The National Center for Atmospheric Research (NCAR) Mesoscale and Microscale Meteorology Division Data Assimilation Group (MMM/DA) has been collaborating with the United States Air Force Weather Agency (AFWA) and the National Oceanic and Atmospheric Administration (NOAA) National Center for Environment Prediction (NCEP) to develop a regional hybrid version of NCEP's Gridpoint Statistical Interpolation (GSI) data assimilation system. NCEP in collaboration with the University of Oklahoma developed a GSI global hybrid assimilation system. MMM/DA modified that global system for regional application using the Advanced Research Weather Research and Forecast modeling system (WRF ARW). This paper presents results from that work.
II. OVERVIEW OF THE GSI REGIONAL HYBRID SYSTEM
The GSI Regional Hybrid follows the scheme proposed by Hamill and Snyder (2000) as implemented by Wang et al. (2008). In summary, given an initial analysis, a perturbation generation strategy such as perturbed observations, singular vectors, or an ETKF is used to generate an ensemble of initial analyses. That ensemble is used to generate an ensemble of initial forecasts, which are used to begin the assimilation cycling experiment. Cycling proceeds as follows: (i) compute the ensemble mean and variance for the ensemble of forecasts, (ii) apply the GSI Regional Hybrid to update the ensemble mean analyses, (iii) use a modified version of the ETKF described by Wang et al., (2007) to update the ensemble perturbations, (iv) combine the updated mean and perturbations to obtain an ensemble of updated analyses/initial conditions, (v) update the boundary conditions, (vi) generate an ensemble of forecasts to begin the next cycle, and (vii) repeat steps (i) through (vii) for the duration of the cycling experiment.

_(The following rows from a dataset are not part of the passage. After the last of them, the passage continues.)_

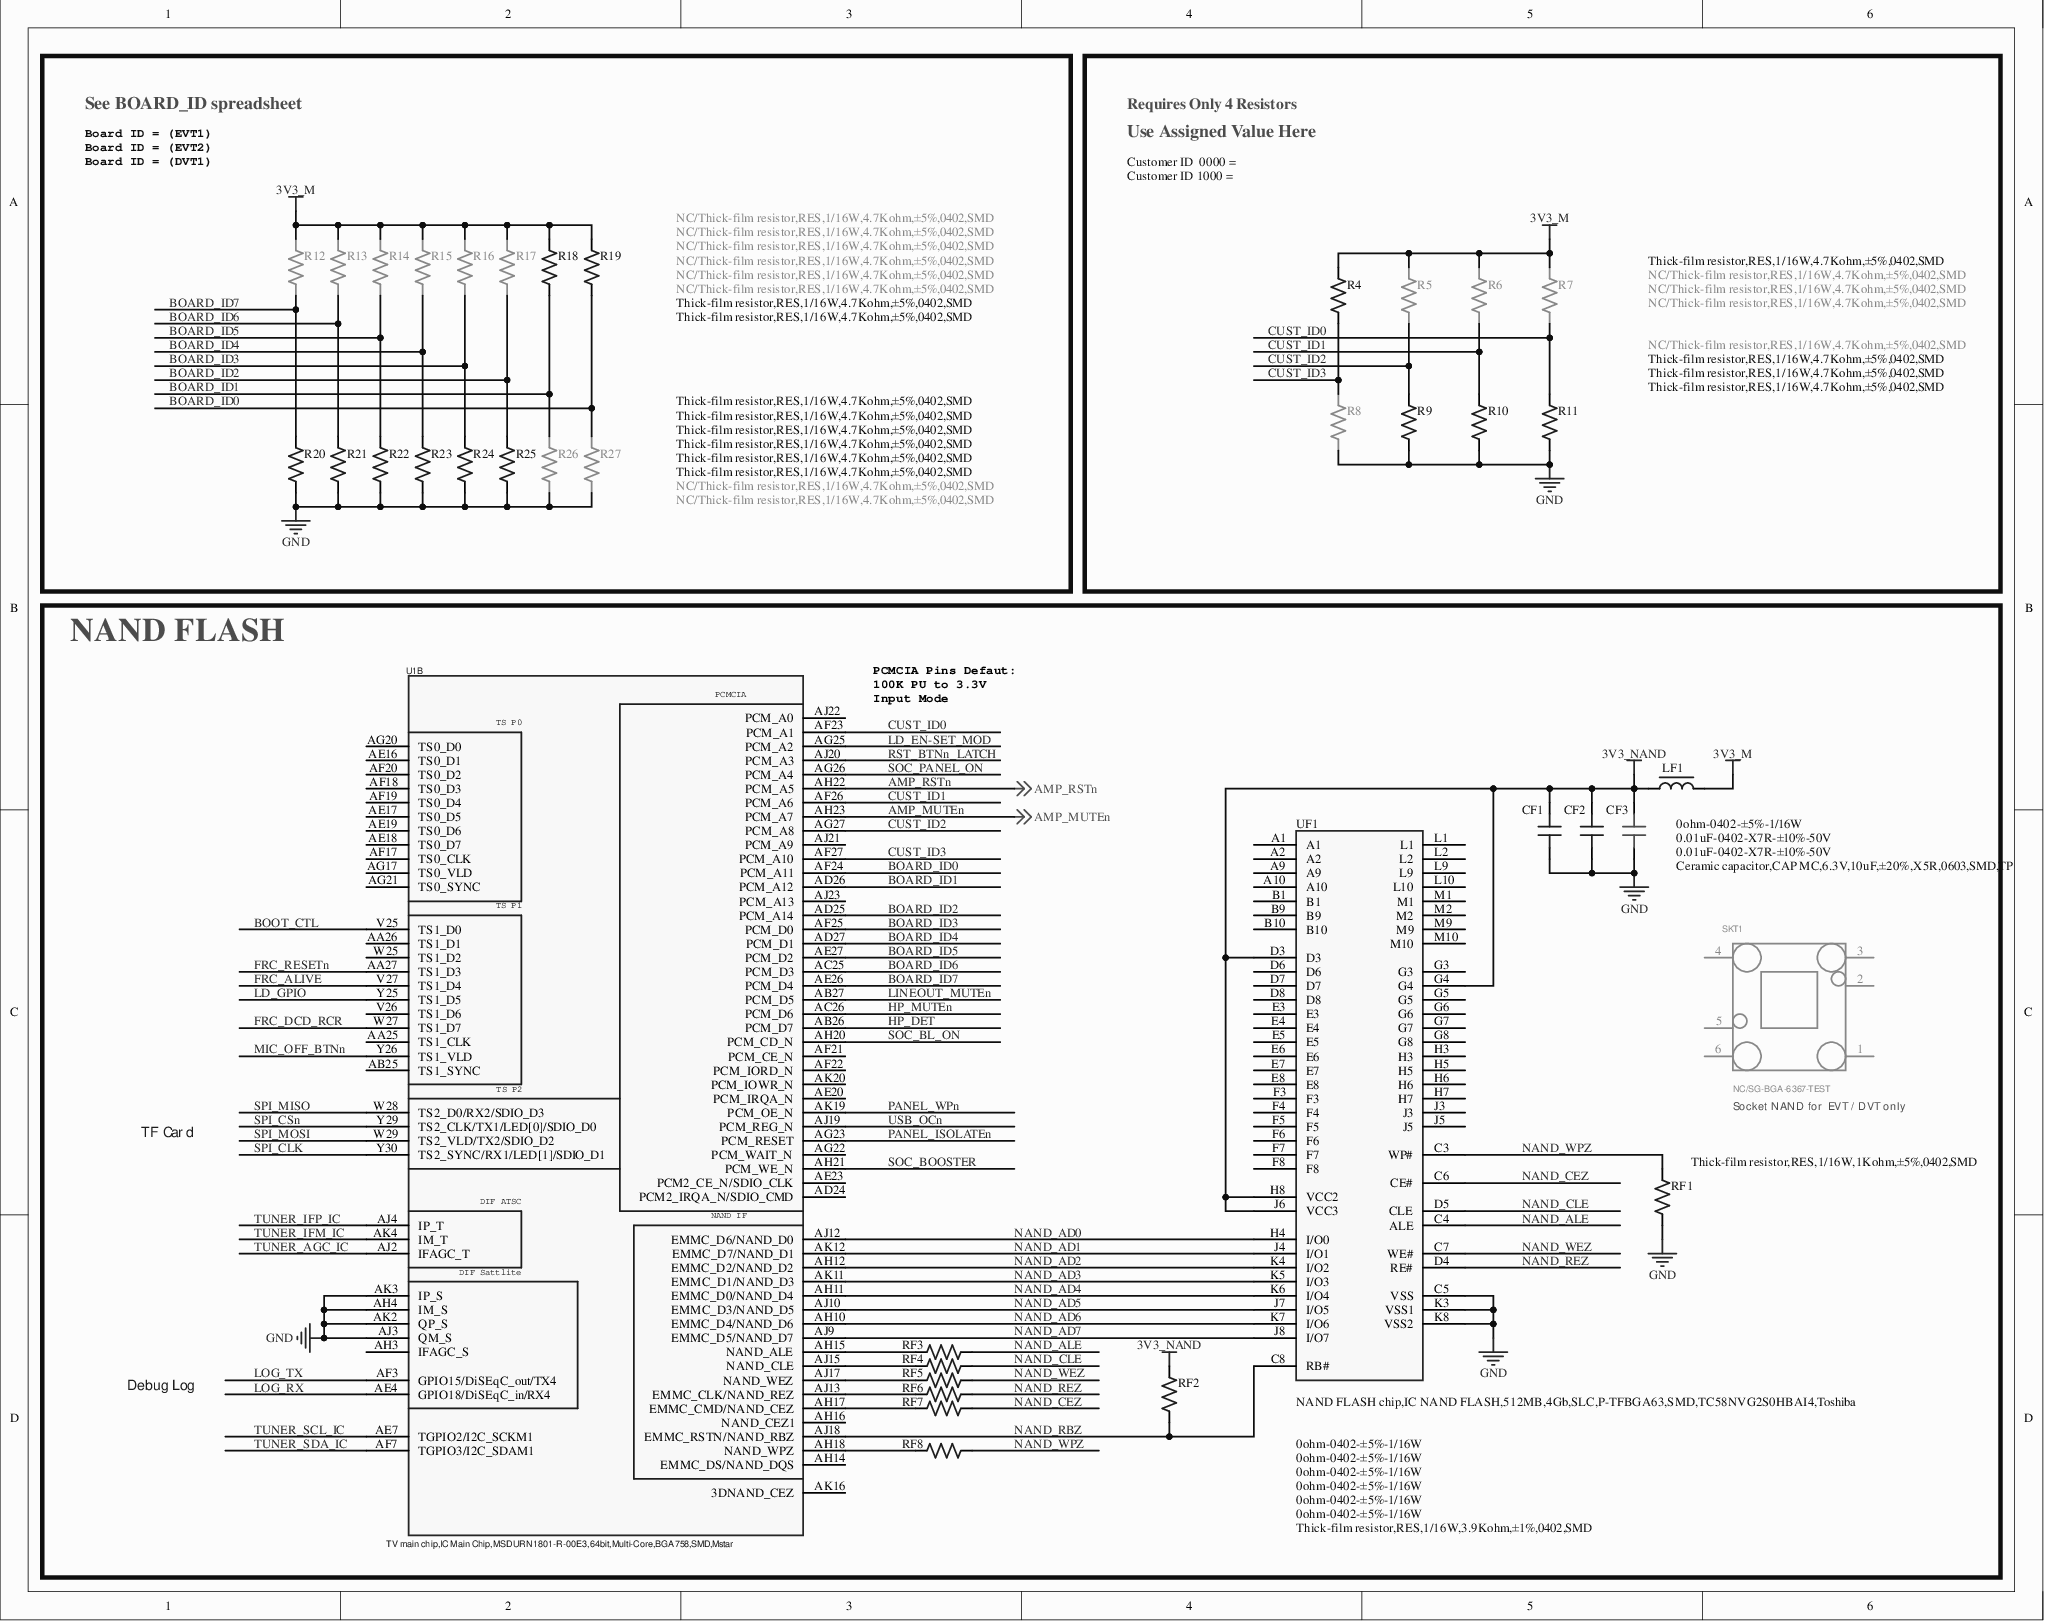
[diagram p0: MISC86290-10.SchDoc]
# Altium project MISC86290.PrjPcb (part 8 of 13)

## Sheet MISC86290-10.SchDoc
size 368 x 292 mm

### Parts
CF1  0.01uF-0402-X7R-±10%-50V  [C0402]
CF2  0.01uF-0402-X7R-±10%-50V  [C0402]
CF3  Ceramic capacitor,CAP MC,6.3V,10uF,±20%,X5R,0603,SMD,TP  [C0603]
LF1  0ohm-0402-±5%-1/16W  [L0402]
R4  Thick-film resistor,RES,1/16W,4.7Kohm,±5%,0402,SMD  [R0402]
R5  NC/Thick-film resistor,RES,1/16W,4.7Kohm,±5%,0402,SMD  [R0402]
R6  NC/Thick-film resistor,RES,1/16W,4.7Kohm,±5%,0402,SMD  [R0402]
R7  NC/Thick-film resistor,RES,1/16W,4.7Kohm,±5%,0402,SMD  [R0402]
R8  NC/Thick-film resistor,RES,1/16W,4.7Kohm,±5%,0402,SMD  [R0402]
R9  Thick-film resistor,RES,1/16W,4.7Kohm,±5%,0402,SMD  [R0402]
R10  Thick-film resistor,RES,1/16W,4.7Kohm,±5%,0402,SMD  [R0402]
R11  Thick-film resistor,RES,1/16W,4.7Kohm,±5%,0402,SMD  [R0402]
R12  NC/Thick-film resistor,RES,1/16W,4.7Kohm,±5%,0402,SMD  [R0402]
R13  NC/Thick-film resistor,RES,1/16W,4.7Kohm,±5%,0402,SMD  [R0402]
R14  NC/Thick-film resistor,RES,1/16W,4.7Kohm,±5%,0402,SMD  [R0402]
R15  NC/Thick-film resistor,RES,1/16W,4.7Kohm,±5%,0402,SMD  [R0402]
R16  NC/Thick-film resistor,RES,1/16W,4.7Kohm,±5%,0402,SMD  [R0402]
R17  NC/Thick-film resistor,RES,1/16W,4.7Kohm,±5%,0402,SMD  [R0402]
R18  Thick-film resistor,RES,1/16W,4.7Kohm,±5%,0402,SMD  [R0402]
R19  Thick-film resistor,RES,1/16W,4.7Kohm,±5%,0402,SMD  [R0402]
R20  Thick-film resistor,RES,1/16W,4.7Kohm,±5%,0402,SMD  [R0402]
R21  Thick-film resistor,RES,1/16W,4.7Kohm,±5%,0402,SMD  [R0402]
R22  Thick-film resistor,RES,1/16W,4.7Kohm,±5%,0402,SMD  [R0402]
R23  Thick-film resistor,RES,1/16W,4.7Kohm,±5%,0402,SMD  [R0402]
R24  Thick-film resistor,RES,1/16W,4.7Kohm,±5%,0402,SMD  [R0402]
R25  Thick-film resistor,RES,1/16W,4.7Kohm,±5%,0402,SMD  [R0402]
R26  NC/Thick-film resistor,RES,1/16W,4.7Kohm,±5%,0402,SMD  [R0402]
R27  NC/Thick-film resistor,RES,1/16W,4.7Kohm,±5%,0402,SMD  [R0402]
RF1  Thick-film resistor,RES,1/16W,1Kohm,±5%,0402,SMD  [R0402]
RF2  Thick-film resistor,RES,1/16W,3.9Kohm,±1%,0402,SMD  [R0402]
RF3  0ohm-0402-±5%-1/16W  [R0402]
RF4  0ohm-0402-±5%-1/16W  [R0402]
RF5  0ohm-0402-±5%-1/16W  [R0402]
RF6  0ohm-0402-±5%-1/16W  [R0402]
RF7  0ohm-0402-±5%-1/16W  [R0402]
RF8  0ohm-0402-±5%-1/16W  [R0402]
SKT1  NC/SG-BGA-6367-TEST  [TEST-SG-BGA-6367]
U1  TV main chip,IC Main Chip,MSDURN1801-R-00E3,64bit,Multi-Core,BGA758,SMD,Mstar  [BGA758/0.65]  (part B of 7)
UF1  NAND FLASH chip,IC NAND FLASH,512MB,4Gb,SLC,P-TFBGA63,SMD,TC58NVG2S0HBAI4,Toshiba  [BGA63/0.8-1]

### Blocks framed on the sheet
See BOARD_ID spreadsheet: R12-R27
Use Assigned Value Here: R4-R11
NAND FLASH: CF1-CF3 LF1 RF1-RF8 SKT1 U1 UF1

### Nets
3V3_M: LF1.2 R4.2 R5.2 R6.2 R7.2 R12.2 R13.2 R14.2 R15.2 R16.2 R17.2 R18.2 R19.2
3V3_NAND: CF1.2 CF2.2 CF3.2 LF1.1 RF2.2 UF1.D3 UF1.G4 UF1.H8(VCC2) UF1.J6(VCC3)
GND: CF1.1 CF2.1 CF3.1 R8.1 R9.1 R10.1 R11.1 R20.1 R21.1 R22.1 R23.1 R24.1 R25.1 R26.1 R27.1 RF1.1 U1.AH4(IM_S) U1.AJ3(QM_S) U1.AK2(QP_S) U1.AK3(IP_S) UF1.C5(VSS) UF1.K3(VSS1) UF1.K8(VSS2)
AMP_MUTEn: U1.AH23(PCM_A7) ; off-sheet AMP_MUTEn
AMP_RSTn: U1.AH22(PCM_A5) ; off-sheet AMP_RSTn
BOARD_ID0: R19.1 R27.2 U1.AF24(PCM_A11)
BOARD_ID1: R18.1 R26.2 U1.AD26(PCM_A12)
BOARD_ID2: R17.1 R25.2 U1.AD25(PCM_A14)
BOARD_ID3: R16.1 R24.2 U1.AF25(PCM_D0)
BOARD_ID4: R15.1 R23.2 U1.AD27(PCM_D1)
BOARD_ID5: R14.1 R22.2 U1.AE27(PCM_D2)
BOARD_ID6: R13.1 R21.2 U1.AC25(PCM_D3)
BOARD_ID7: R12.1 R20.2 U1.AE26(PCM_D4)
BOOT_CTL: U1.V25(TS1_D0)
CUST_ID0: R7.1 R11.2 U1.AF23(PCM_A1)
CUST_ID1: R6.1 R10.2 U1.AF26(PCM_A6)
CUST_ID2: R5.1 R9.2 U1.AG27(PCM_A8)
CUST_ID3: R4.1 R8.2 U1.AF27(PCM_A10)
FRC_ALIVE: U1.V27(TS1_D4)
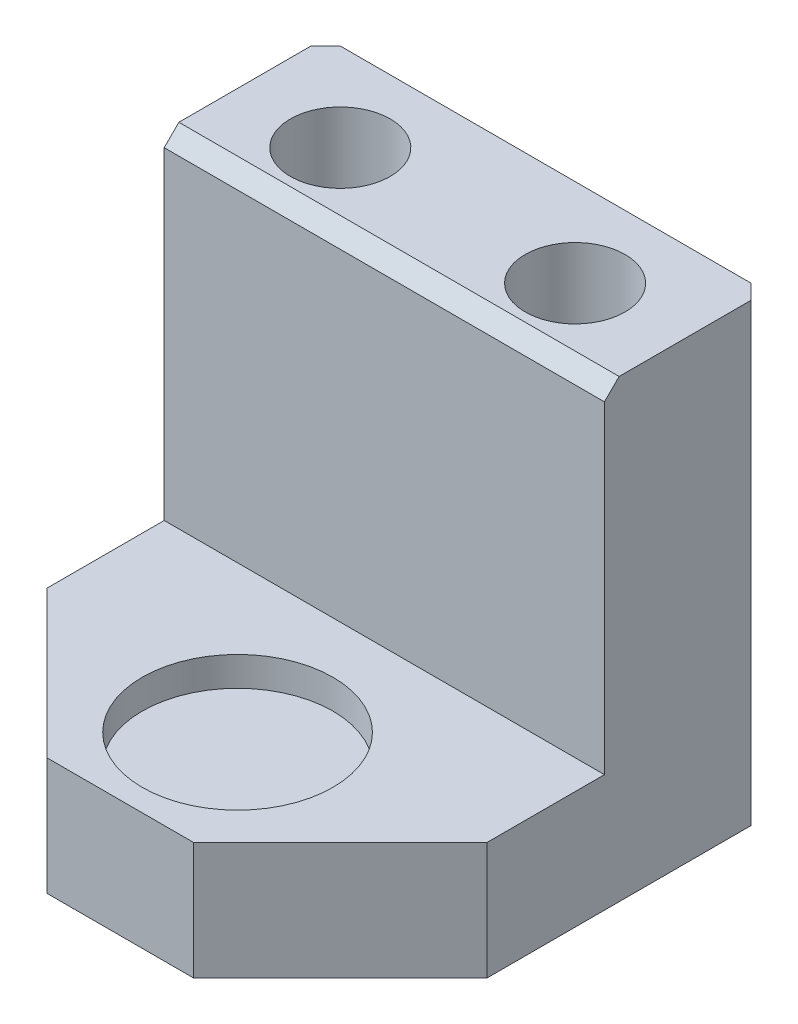
SolidWorks part; units mm, degrees
ref_plane "Front Plane" through (0, 0, 0) normal (0, 0, 1) x (1, 0, 0)
ref_plane "Top Plane" through (0, 0, 0) normal (0, 1, 0) x (1, 0, 0)
ref_plane "Right Plane" through (0, 0, 0) normal (1, 0, 0) x (0, 0, -1)
sketch "Sketch1" plane through (0, 0, 0) normal (0, 0, 1) x (1, 0, 0)
  line L1 (-7.5, -7.75) -> (7.5, -7.75)
  line L2 (-7.5, -7.75) -> (-7.5, 7.75)
  line L3 (-7.5, 7.75) -> (7.5, 7.75)
  line L4 (7.5, -7.75) -> (7.5, 7.75)
  line L5 (-7.5, -7.75) -> (7.5, 7.75) construction
  line L6 (-7.5, 7.75) -> (7.5, -7.75) construction
  point P0 (0, 0)
  dimension "D1" = 15
  dimension "D2" = 15.5
extrude "Boss-Extrude1" add sketch "Sketch1" along normal blind 6
sketch "Sketch2" plane through (0, 0, 6) normal (0, 0, 1) x (1, 0, 0)
  line L0 (7.5, -7.75) -> (7.5, 7.75) construction
  line L1 (-7.5, -7.75) -> (7.5, -7.75)
  line L2 (-7.5, -7.75) -> (-7.5, -3.75)
  line L3 (-7.5, -3.75) -> (7.5, -3.75)
  line L4 (7.5, -7.75) -> (7.5, -3.75)
  dimension "D1" = 4
extrude "Boss-Extrude2" add sketch "Sketch2" along normal blind 9
sketch "Sketch3" plane through (0, -3.75, 0) normal (0, 1, 0) x (1, 0, 0)
  line L0 (0, 0) -> (0, -20.2651) construction
  circle A0 centre (0, -11) radius 3.25
  dimension "D2" = 6.5
  dimension "D1" = 11
extrude "Cut-Extrude1" cut sketch "Sketch3" against normal blind 1
sketch "Sketch5" plane through (0, -3.75, 0) normal (0, 1, 0) x (1, 0, 0)
  circle A0 centre (0, -11) radius 2
  dimension "D1" = 4
extrude "Cut-Extrude2" [suppressed] cut sketch "Sketch5" against normal through all
hole_wizard "Hole size per socket head cap screw type 1" positions "Sketch7" profile "Sketch6" counterbore size "M3" standard "Gb" end condition through all
sketch "Sketch7" plane through (0, -7.75, 0) normal (0, -1, 0) x (-1, 0, 0)
  line L1 (4, -3.5) -> (-4, -3.5) construction
  line L3 (0, 0) -> (0, -6.7603) construction
  line L5 (7.5, 0) -> (-7.5, 0) construction
  point P0 (4, -3.5)
  point P9 (-4, -3.5)
  dimension "D1" = 8
  dimension "D2" = 3.5
sketch "Sketch6" plane through (-4, -7.75, 3.5) normal (1, 0, 0) x (0, 0, -1)
  line L0 (0, 0) -> (0, 15.5)
  line L1 (0, 15.5) -> (1.7, 15.5)
  line L3 (1.7, 15.5) -> (1.7, 3.4)
  line L4 (1.7, 3.4) -> (3, 3.4)
  line L5 (3, 3.4) -> (3, 0)
  line L7 (3, 0) -> (0, 0)
  line L11 (0, -6.35) -> (0, 107.95) construction
  dimension "通孔孔直径" = 3.4
  dimension "通孔孔深度" = 15.5
  dimension "柱形沉头孔直径" = 6
  dimension "柱形沉头孔深度" = 3.4
chamfer "Chamfer1" distance 5 angle 45 2 edges at (-7.5, -5.75, 15) (7.5, -5.75, 15)
chamfer "Chamfer2" distance 1 angle 45 2 edges at (7.5, 0, 0) (-7.5, 0, 0)
chamfer "Chamfer3" distance 0.5 angle 45 2 edges at (0, 7.75, 6) (0, 7.75, 0)
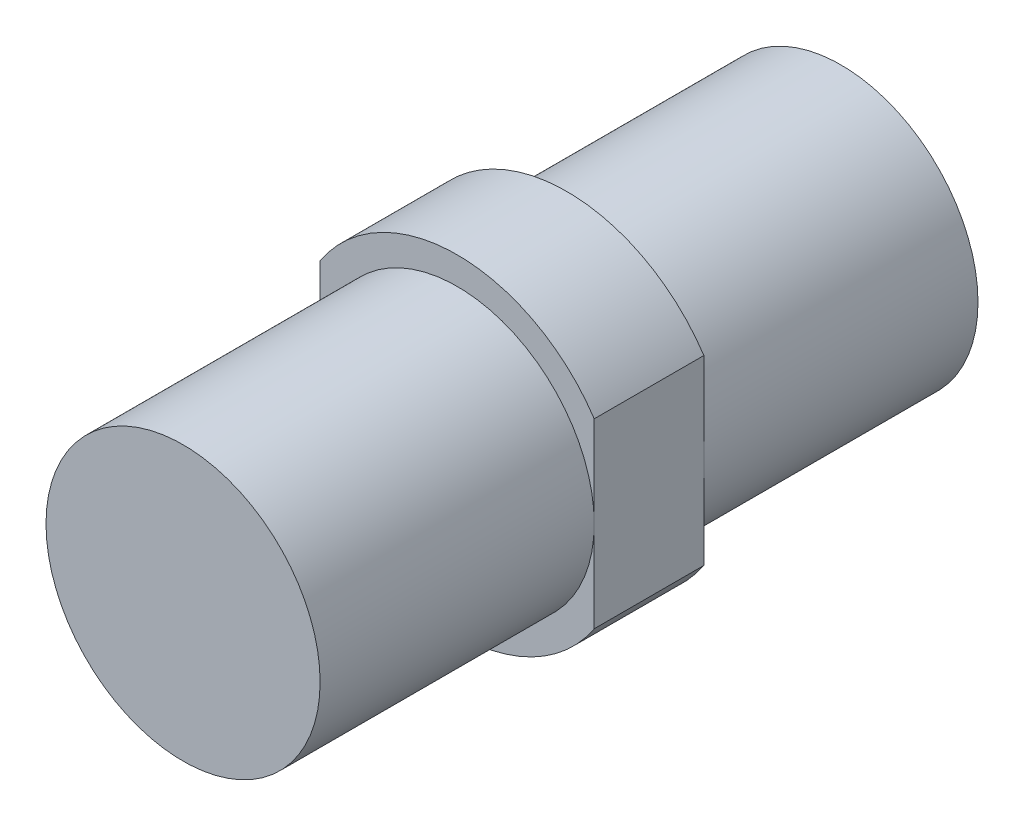
from build123d import *

# Parameters (mm, degrees)
BOSS_EXTRUDE1_DEPTH = 4
SKETCH2_W           = 5
SKETCH2_H           = 10
SKETCH3_W           = 5
SKETCH3_H           = 10


with BuildPart() as part:
    # Sketch1 → Boss-Extrude1 (new body)
    with BuildSketch(Plane.XY.offset(4)):
        with BuildLine():
            Line((5, -3.31662479), (5, 3.31662479))
            ThreePointArc((5, 3.31662479), (0, 6), (-5, 3.31662479))
            Line((-5, 3.31662479), (-5, -3.31662479))
            ThreePointArc((-5, -3.31662479), (0, -6), (5, -3.31662479))
        make_face()
    extrude(amount=-BOSS_EXTRUDE1_DEPTH)

    # Sketch2 → Revolve1 (revolve)
    with BuildSketch(Plane(origin=(0, 0, 0), x_dir=(1, 0, 0), z_dir=(0, 1, 0))):
        with Locations((2.5, -9)):
            Rectangle(SKETCH2_W, SKETCH2_H)
    revolve(axis=Axis((0, 0, 4), (0, 0, 1)))

    # Sketch3 → Revolve2 (revolve)
    with BuildSketch(Plane.XZ, mode=Mode.PRIVATE) as revolve2_sk:
        with Locations((2.5, -5)):
            Rectangle(SKETCH3_W, SKETCH3_H)
    revolve(revolve2_sk.sketch.rotate(Axis((0, 0, 0), (0, 0, -1)), 180), axis=Axis((0, 0, 0), (0, 0, -1)))


solid = part.part

III. SINGLE OBSERVATIONS EXPERIMENTS
In this section, we present results from single observation experiments with the GSI Regional Hybrid using WRF ARW. The domain of interest is the western Pacific during the passage of Typhoon Morakot (August 2, 2009 to August 11, 2009). We examine the sensitivity of single observations results to variations in: (i) the weighting between the variational and ensemble components of the background error, (ii) the magnitude of the hybrid horizontal localization length scale, (iii) the magnitude of the hybrid vertical localization length scale, and (iv) the number of ensemble members. We present results for a single temperature observation (Case 1) and a single wind observation (Case 2) placed near Typhoon Morakot on August 6, 2009. Our results show that the single observation increments respond properly to variations in the aforementioned parameters.
IV. COMPARISON OF THE GSI ENSEMBLE HYBRID/ETKF, GSI ENSEMBLE NON-HYBRID/ETKF AND GSI SYSTEMS
In this section, we present results from cycling experiments comparing results from GSI Ensemble Hybrid/ETKF, GSI Ensemble Non-Hybrid/ETKF, and GSI Non-Hybrid Non-Ensemble. The domain of interest is the western Atlantic during the passage of Hurricane Dean (August 15, 2007 to August 19, 2007). We present graphics comparing: (i) the horizontal and vertical characteristics of the analysis increments from the different systems, (ii) temporal characteristics of diagnostic parameters such as the ensemble spread, the ETKF inflation factor, and the convergence statistics, and (iii) verification scores. Our preliminary results suggest that hybrid increments display greater flow dependence than the non-hybrid and non-ensemble systems.
V. REFERENCES
Hamill, T. M., and C. Snyder, 2000: A hybrid ensemble Kalman filter-3D variational analysis scheme. Mon. Wea. Rev., 128, 2905-2919.
Wang, X. and C. H. Bishop, 2003: A comparison of breeding and ensemble transform Kalman filter ensemble forecast schemes. J. Atmos. Sci., 60, 1140-1158.
Wang, X., T. M. Hamill J. S. Whitaker, and C. H. Bishop, 2007: A comparison of hybrid ensemble transform Kalman filter-OI and ensemble square-root filter analysis schemes. Mon. Wea. Rev., 135, 1055-1076.
Wang, X., D. M. Barker, C. Snyder, and T. M. Hamill, 2008: A hybrid ETKF-3DVAR data assimilation scheme for the WRF model. Part I: Observing system simulation experiment. Mon. Wea. Rev., 136, 5116-5131.